Single by Amy Shark featuring Keith Urban

from the album Cry Forever
- Released: 19 February 2021
- Genre: Pop
- Length: 3:40
- Label: Wonderlick Entertainment; Sony Music Australia;
- Songwriters: Amy Shark, Ed Sheeran

Amy Shark singles chronology
| "All the Lies About Me" (2020) | "Love Songs Ain't for Us" (2021) | "Baby Steps" (2021) |

Keith Urban singles chronology
| "One Too Many" (2020) | "Love Songs Ain't for Us" (2021) | "Throw It Back" (2021) |

= Love Songs Ain't for Us =

"Love Songs Ain't for Us" is a song recorded by Australian singer-songwriter Amy Shark, featuring Keith Urban. The song was released on 19 February 2021 as the fourth single from Shark's second studio album, Cry Forever.

Shark recalls saying "Just before we started the writing session, Ed [Sheeran] asked me if I wrote songs about my man, I told him I do, but love songs aren't really for us. He then smiled and said 'ok that's what we'll do then'. I don't know why but I struggle to write straight forward love songs, the second they start sounding too lovey and gushy I tend to follow it up with a lyric that's semi sad or confronting. This song is as loved up as you'll get from me and I love it."

Speaking to Rolling Stone Australia, Shark explained that working with another artist is something which needs to feel "right" and "natural". Shark said "This particular song that he's on, it felt like it needed something, and when someone threw Keith Urban's name in, I was like, 'Oh my god, that's genius, and it's perfect!'... Once we sent it to him, he was just so stoked and more than happy to be involved, and just took the song to another level." "The song is so classy and timeless I needed to find a class act to join me. Keith is so professional and well respected around the world, so it was a no brainer".

At the 2021 ARIA Music Awards, the song was nominated for Song of the Year and the James Chappel directed video for Best Video.

At the APRA Music Awards of 2022, the song won Most Performed Country Work.

==Music video==
The music video for "Love Songs Ain't for Us" was directed by James Chappel and produced by Yiani Andrikidis. It premiered on 19 February 2021.

==Reception==
Women in Pop called the song "A gorgeous, tender ballad with country vibes... [which] showcases Shark's remarkable, emotive voice with little more than a gentle guitar and piano backing up her".

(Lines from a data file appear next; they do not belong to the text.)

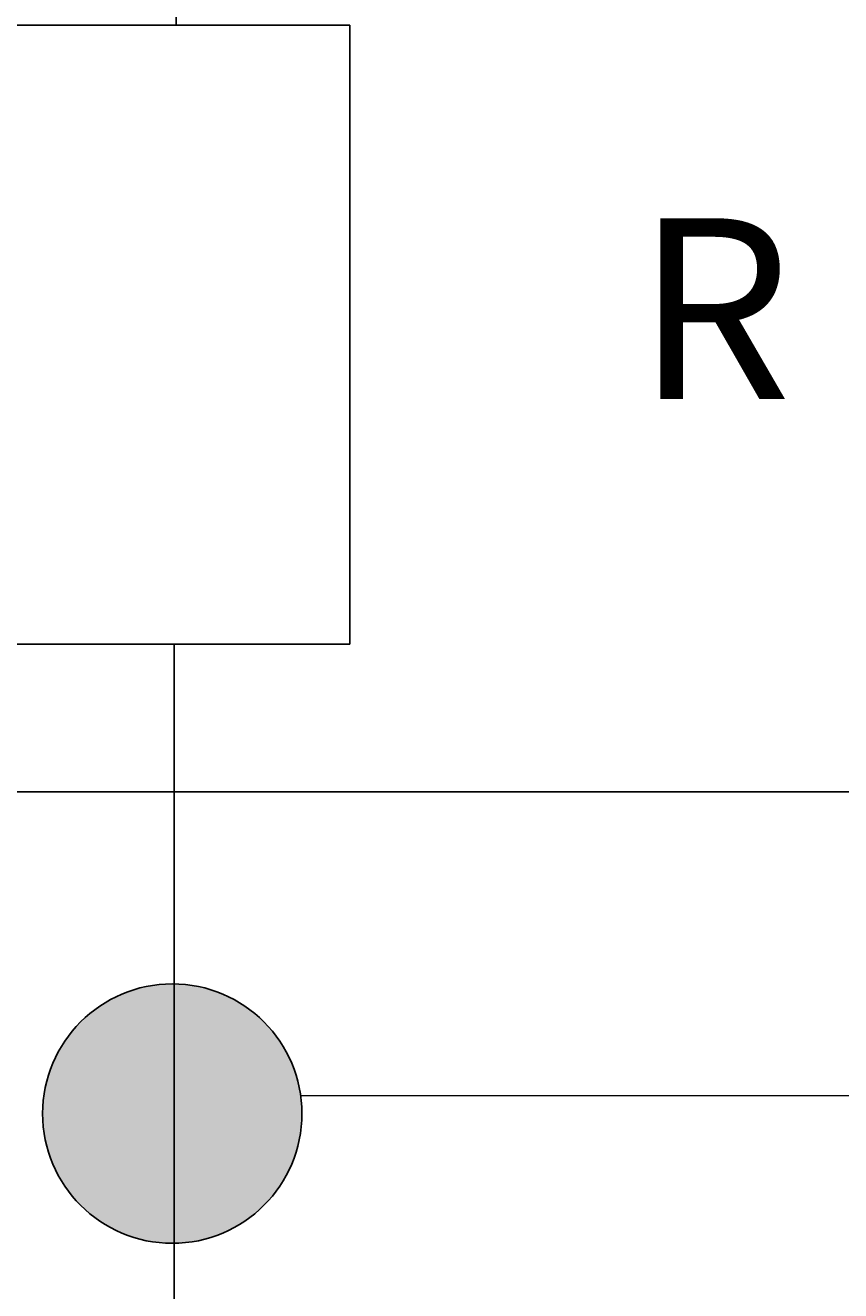
# Model space of a CAD drawing. Units: inches. Extents: x 35362 to 73946, y 43607 to 67532.
# Tile 134 of 134: x 68341 to 69338, y 58575 to 60122. Entities that reach past the tile are written whole.
import ezdxf

# ---------------------------------------------------------------- set-up
doc = ezdxf.new("R2010")
doc.units = ezdxf.units.IN
doc.header["$MEASUREMENT"] = 0
for name, color, linetype, lineweight in [('A-ANNO-DIMS', 2, 'Continuous', 18), ('E-ANNO-TEXT', 5, 'Continuous', 18), ('E-SYMB', 1, 'Continuous', 25), ('E-SYMB-PATT', 1, 'Continuous', 13), ('E-WIRE', 3, 'Continuous', 25)]:
    doc.layers.add(name, color=color, linetype=linetype, lineweight=lineweight)
doc.styles.get("Standard").update_dxf_attribs({"font": 'arial.ttf'})
doc.dimstyles.get("Standard").update_dxf_attribs({"dimtxt": 0.18, "dimasz": 0.18, "dimexe": 0.18, "dimexo": 0.0625, "dimgap": 0.09, "dimtad": 0, "dimtih": 1, "dimtoh": 1, "dimdec": 4, "dimzin": 0, "dimdsep": 46, "dimtxsty": 'Standard', "dimcen": 0.09, "dimadec": 0, "dimazin": 0, "dimtfac": 1, "dimtdec": 4, "dimtofl": 0, "dimtmove": 0, "dimatfit": 3, "dimfxl": 1, "dimtolj": 1, "dimtzin": 0, "dimarcsym": 0})

# ---------------------------------------------------------------- blocks, each defined once
blk = doc.blocks.new('PWR-5V')
for p, q in [((149.83075954589, 1350.920325582869), (-0.0001436721213395, 1075.898385659784)), ((149.83075954589, 833.0941938853575), (149.83075954589, 1350.920325582869)), ((289.9554714129044, 1075.898385659784), (149.83075954589, 1350.920325582869)), ((149.83075954589, 416.3126341884199), (149.83075954589, 833.0941938853575)), ((149.83075954589, 416.3126341884199), (149.83075954589, 0.0003315384019515))]:
    blk.add_line(p, q)
blk = doc.blocks.new('*D8')
at = {"layer": 'A-ANNO-DIMS', "color": 0, "lineweight": -2, "transparency": 16777216}
for p, q in [((66271.28651900003, 65771.51172800003), (73945.82566600003, 65771.51172800003)), ((73945.64566600005, 65771.33172800003), (73945.64566600005, 59737.03093663782)), ((73945.64566600005, 53702.36633900002), (73945.64566600005, 59736.66713036224)), ((72185.70816600003, 53702.18633900003), (73945.82566600003, 53702.18633900003))]:
    blk.add_line(p, q, dxfattribs=at)
at = {"layer": 'A-ANNO-DIMS', "color": 0, "transparency": 16777216}
for points in [[(73945.61566600006, 65771.33172800003), (73945.67566600005, 65771.33172800003), (73945.64566600005, 65771.51172800003)], [(73945.61566600006, 53702.36633900002), (73945.67566600005, 53702.36633900002), (73945.64566600005, 53702.18633900003)]]:
    blk.add_solid(points, dxfattribs=at)
at = {"layer": 'Defpoints', "color": 0, "transparency": 16777216}
for p in [(66271.22401900003, 65771.51172800003), (73945.64566600005, 65771.51172800003), (72185.64566600003, 53702.18633900003)]:
    blk.add_point(p, dxfattribs=at)
at = {"layer": 'A-ANNO-DIMS', "color": 0, "transparency": 16777216, "insert": (73945.64566600005, 59736.84903349999), "char_height": 0.18, "attachment_point": 5}
blk.add_mtext('\\A1;12069', dxfattribs=at)
blk = doc.blocks.new('*D10')
at = {"layer": 'A-ANNO-DIMS', "color": 0, "lineweight": -2, "transparency": 16777216}
for p, q in [((61240.96983600002, 59185.14395700003), (73945.82566600003, 59185.14395700003)), ((73945.64566600005, 59184.96395700003), (73945.64566600005, 56268.51827402935)), ((73945.64566600005, 53351.70866200003), (73945.64566600005, 56268.1543449707)), ((61240.96983600002, 53351.52866200003), (73945.82566600003, 53351.52866200003))]:
    blk.add_line(p, q, dxfattribs=at)
at = {"layer": 'A-ANNO-DIMS', "color": 0, "transparency": 16777216}
for points in [[(73945.61566600006, 59184.96395700003), (73945.67566600005, 59184.96395700003), (73945.64566600005, 59185.14395700003)], [(73945.61566600006, 53351.70866200003), (73945.67566600005, 53351.70866200003), (73945.64566600005, 53351.52866200003)]]:
    blk.add_solid(points, dxfattribs=at)
at = {"layer": 'Defpoints', "color": 0, "transparency": 16777216}
for p in [(61240.90733600002, 59185.14395700003), (61240.90733600002, 53351.52866200003), (73945.64566600005, 53351.52866200003)]:
    blk.add_point(p, dxfattribs=at)
at = {"layer": 'A-ANNO-DIMS', "color": 0, "transparency": 16777216, "insert": (73945.64566600005, 56268.33630949999), "char_height": 0.18, "attachment_point": 5}
blk.add_mtext('\\A1;5834', dxfattribs=at)
blk = doc.blocks.new('*D69')
at = {"layer": 'A-ANNO-DIMS', "color": 0, "lineweight": -2, "transparency": 16777216}
for p, q in [((68320.870762, 60122.408832), (68320.870762, 67531.691728)), ((68321.050762, 67531.51172799998), (69913.30289879469, 67531.51172799998)), ((71506.482539, 67531.51172799998), (69914.23040220531, 67531.51172799998)), ((71506.662539, 59451.647447), (71506.662539, 67531.691728))]:
    blk.add_line(p, q, dxfattribs=at)
at = {"layer": 'A-ANNO-DIMS', "color": 0, "transparency": 16777216}
for points in [[(68321.050762, 67531.541728), (68321.050762, 67531.481728), (68320.870762, 67531.51172799998)], [(71506.482539, 67531.541728), (71506.482539, 67531.481728), (71506.662539, 67531.51172799998)]]:
    blk.add_solid(points, dxfattribs=at)
at = {"layer": 'Defpoints', "color": 0, "transparency": 16777216}
for p in [(71506.662539, 67531.51172799998), (68320.870762, 60122.346332), (71506.662539, 59451.584947)]:
    blk.add_point(p, dxfattribs=at)
at = {"layer": 'A-ANNO-DIMS', "color": 0, "transparency": 16777216, "insert": (69913.76665050001, 67531.51172799998), "char_height": 0.18, "attachment_point": 5}
blk.add_mtext('\\A1;3185.8', dxfattribs=at)
blk = doc.blocks.new('*D70')
at = {"layer": 'A-ANNO-DIMS', "color": 0, "lineweight": -2, "transparency": 16777216}
for p, q in [((60785.27513900002, 64923.75242000003), (73945.82566600003, 64923.75242000003)), ((73945.64566600005, 64923.57242000003), (73945.64566600005, 62054.63015302935)), ((73945.64566600005, 59185.32395700003), (73945.64566600005, 62054.26622397069)), ((61240.96983600002, 59185.14395700003), (73945.82566600003, 59185.14395700003))]:
    blk.add_line(p, q, dxfattribs=at)
at = {"layer": 'A-ANNO-DIMS', "color": 0, "transparency": 16777216}
for points in [[(73945.61566600006, 64923.57242000003), (73945.67566600005, 64923.57242000003), (73945.64566600005, 64923.75242000003)], [(73945.61566600006, 59185.32395700003), (73945.67566600005, 59185.32395700003), (73945.64566600005, 59185.14395700003)]]:
    blk.add_solid(points, dxfattribs=at)
at = {"layer": 'Defpoints', "color": 0, "transparency": 16777216}
for p in [(60785.21263900002, 64923.75242000003), (73945.64566600005, 64923.75242000003), (61240.90733600002, 59185.14395700003)]:
    blk.add_point(p, dxfattribs=at)
at = {"layer": 'A-ANNO-DIMS', "color": 0, "transparency": 16777216, "insert": (73945.64566600005, 62054.44818849999), "char_height": 0.18, "attachment_point": 5}
blk.add_mtext('\\A1;5738.6', dxfattribs=at)
blk = doc.blocks.new('*D71')
at = {"layer": 'A-ANNO-DIMS', "color": 0, "lineweight": -2, "transparency": 16777216}
for p, q in [((63159.24181700003, 64828.55626700002), (73945.82566600003, 64828.55626700002)), ((73945.64566600005, 64828.37626700002), (73945.64566600005, 62007.03207652936)), ((73945.64566600005, 59185.32395700003), (73945.64566600005, 62006.6681474707)), ((61240.96983600002, 59185.14395700003), (73945.82566600003, 59185.14395700003))]:
    blk.add_line(p, q, dxfattribs=at)
at = {"layer": 'A-ANNO-DIMS', "color": 0, "transparency": 16777216}
for points in [[(73945.61566600006, 64828.37626700002), (73945.67566600005, 64828.37626700002), (73945.64566600005, 64828.55626700002)], [(73945.61566600006, 59185.32395700003), (73945.67566600005, 59185.32395700003), (73945.64566600005, 59185.14395700003)]]:
    blk.add_solid(points, dxfattribs=at)
at = {"layer": 'Defpoints', "color": 0, "transparency": 16777216}
for p in [(63159.17931700003, 64828.55626700002), (73945.64566600005, 64828.55626700002), (61240.90733600002, 59185.14395700003)]:
    blk.add_point(p, dxfattribs=at)
at = {"layer": 'A-ANNO-DIMS', "color": 0, "transparency": 16777216, "insert": (73945.64566600005, 62006.85011199999), "char_height": 0.18, "attachment_point": 5}
blk.add_mtext('\\A1;5643.4', dxfattribs=at)

msp = doc.modelspace()

# ---------------------------------------------------------------- hatches: boundary and pattern name
at = {"layer": 'E-SYMB-PATT'}
h = msp.add_hatch(color=256, dxfattribs=at)
h.dxf.hatch_style = 1
h.paths.add_polyline_path([(68522.99328781641, 58950.10275888999, 0.4183931940818975), (68362.12749647925, 58791.51297351146, 0.4183931940818975), (68522.99328781641, 58632.92318813292)])
h.paths.add_polyline_path([(68522.99328781641, 58950.10275888999), (68522.99328781641, 58632.92318813292, 0.4100462469397049), (68679.33926925441, 58791.51297351146, 0.4100462469397049)])

# ---------------------------------------------------------------- linework, layer by layer
at = {"layer": 'E-SYMB'}
for p, q in [((68522.99328781641, 59095.61234402943), (68522.99328781641, 59365.72803786365)), ((68518.41798978415, 58950.10195847468), (68518.41798978415, 58949.41573521363)), ((68522.99328781641, 58637.39433361782), (68522.99328781641, 58632.92318813292))]:
    msp.add_line(p, q, dxfattribs=at)
msp.add_lwpolyline([(68320.87076221016, 60122.34633153839), (68737.80188109005, 60122.34633153839), (68737.80188109005, 59365.72803786365), (68320.87076221016, 59365.72803786365)], close=True, dxfattribs=at)
msp.add_circle((68520.73338286683, 58791.51297351146), 158.6058863875805, dxfattribs=at)
at = {"layer": 'E-WIRE'}
for p, q in [((68522.99328781641, 58468.38124608586), (68522.99328781641, 59095.61234402943)), ((70135.80528894292, 58812.79476317562), (68677.76702326702, 58813.78993424351))]:
    msp.add_line(p, q, dxfattribs=at)

# ---------------------------------------------------------------- block references
at = {"layer": 'E-SYMB'}
msp.add_blockref('PWR-5V', (68375.605, 60122.346), dxfattribs=at)

# ---------------------------------------------------------------- texts
at = {"layer": 'E-ANNO-TEXT'}
msp.add_text('R', height=220.8659825270206, dxfattribs=at).set_placement((69087.11378477843, 59665.4646863401))

# ---------------------------------------------------------------- dimensions: what is measured, and where the dimension line sits
at = {"layer": 'A-ANNO-DIMS'}
dim = msp.add_linear_dim(base=(71506.662539, 67531.51172799998), p1=(68320.870762, 60122.346332), p2=(71506.662539, 59451.584947), dimstyle='Standard', override={"dimdec": 1, "dimlfac": 1, "dimrnd": 0, "dimzin": 0, "dimdsep": 46, "dimlunit": 2}, dxfattribs=at)
dim.commit()
dim.dimension.update_dxf_attribs({"geometry": '*D69', "text_midpoint": (69913.76665050001, 67531.51172799998)})
for base, p1, p2, override, picture, middle in [((73945.64566600005, 65771.51172800003), (72185.645666, 53702.186339), (66271.224019, 65771.51172799998), {"dimdec": 0, "dimlfac": 1, "dimrnd": 0, "dimzin": 0, "dimdsep": 46, "dimlunit": 2}, '*D8', (73945.64566600005, 59736.84903349999)), ((73945.64566600005, 64923.75242000003), (61240.907336, 59185.14395699999), (60785.21263899999, 64923.75241999999), {"dimdec": 1, "dimlfac": 1, "dimrnd": 0, "dimzin": 0, "dimdsep": 46, "dimlunit": 2}, '*D70', (73945.64566600005, 62054.44818849999)), ((73945.64566600005, 64828.55626700002), (61240.907336, 59185.14395699999), (63159.179317, 64828.556267), {"dimdec": 1, "dimlfac": 1, "dimrnd": 0, "dimzin": 0, "dimdsep": 46, "dimlunit": 2}, '*D71', (73945.64566600005, 62006.85011199999)), ((73945.64566600005, 53351.52866200003), (61240.907336, 59185.14395699999), (61240.907336, 53351.52866199999), {"dimdec": 0, "dimlfac": 1, "dimrnd": 0, "dimzin": 0, "dimdsep": 46, "dimlunit": 2}, '*D10', (73945.64566600005, 56268.33630949999))]:
    dim = msp.add_linear_dim(base=base, p1=p1, p2=p2, angle=90, dimstyle='Standard', override=override, dxfattribs=at)
    dim.commit()
    dim.dimension.update_dxf_attribs({"geometry": picture, "text_midpoint": middle})

doc.saveas('drawing.dxf')

Tyler Jenke from Rolling Stone Australia described the song as "A smooth pop track which, while not full of the same outwardly anthemic qualities as previous tracks, revels in the quiet intensity, utilising the sort of country influences only someone like Keith Urban can add to the mix."

Laura English from Music Feeds said "The song is light on production and gentle with the instrumentals it introduces. It's carried by Shark and Urban's voices in a really lovely way."

==Charts==

===Weekly charts===

Weekly chart performance for "Love Songs Ain't for Us"
| Chart (2021) | Peak position |
|---|---|
| Australia (ARIA) | 22 |
| Australia Country Hot 50 (TMN) | 1 |
| New Zealand Hot Singles (RMNZ) | 11 |

===Year-end charts===

Year-end chart performance for "Love Songs Ain't for Us"
| Chart (2021) | Position |
|---|---|
| Australia (ARIA) | 93 |

==Certification==

| Region | Certification | Certified units/sales |
| Australia (ARIA) | Platinum | 70,000^{‡} |
^{‡} Sales+streaming figures based on certification alone.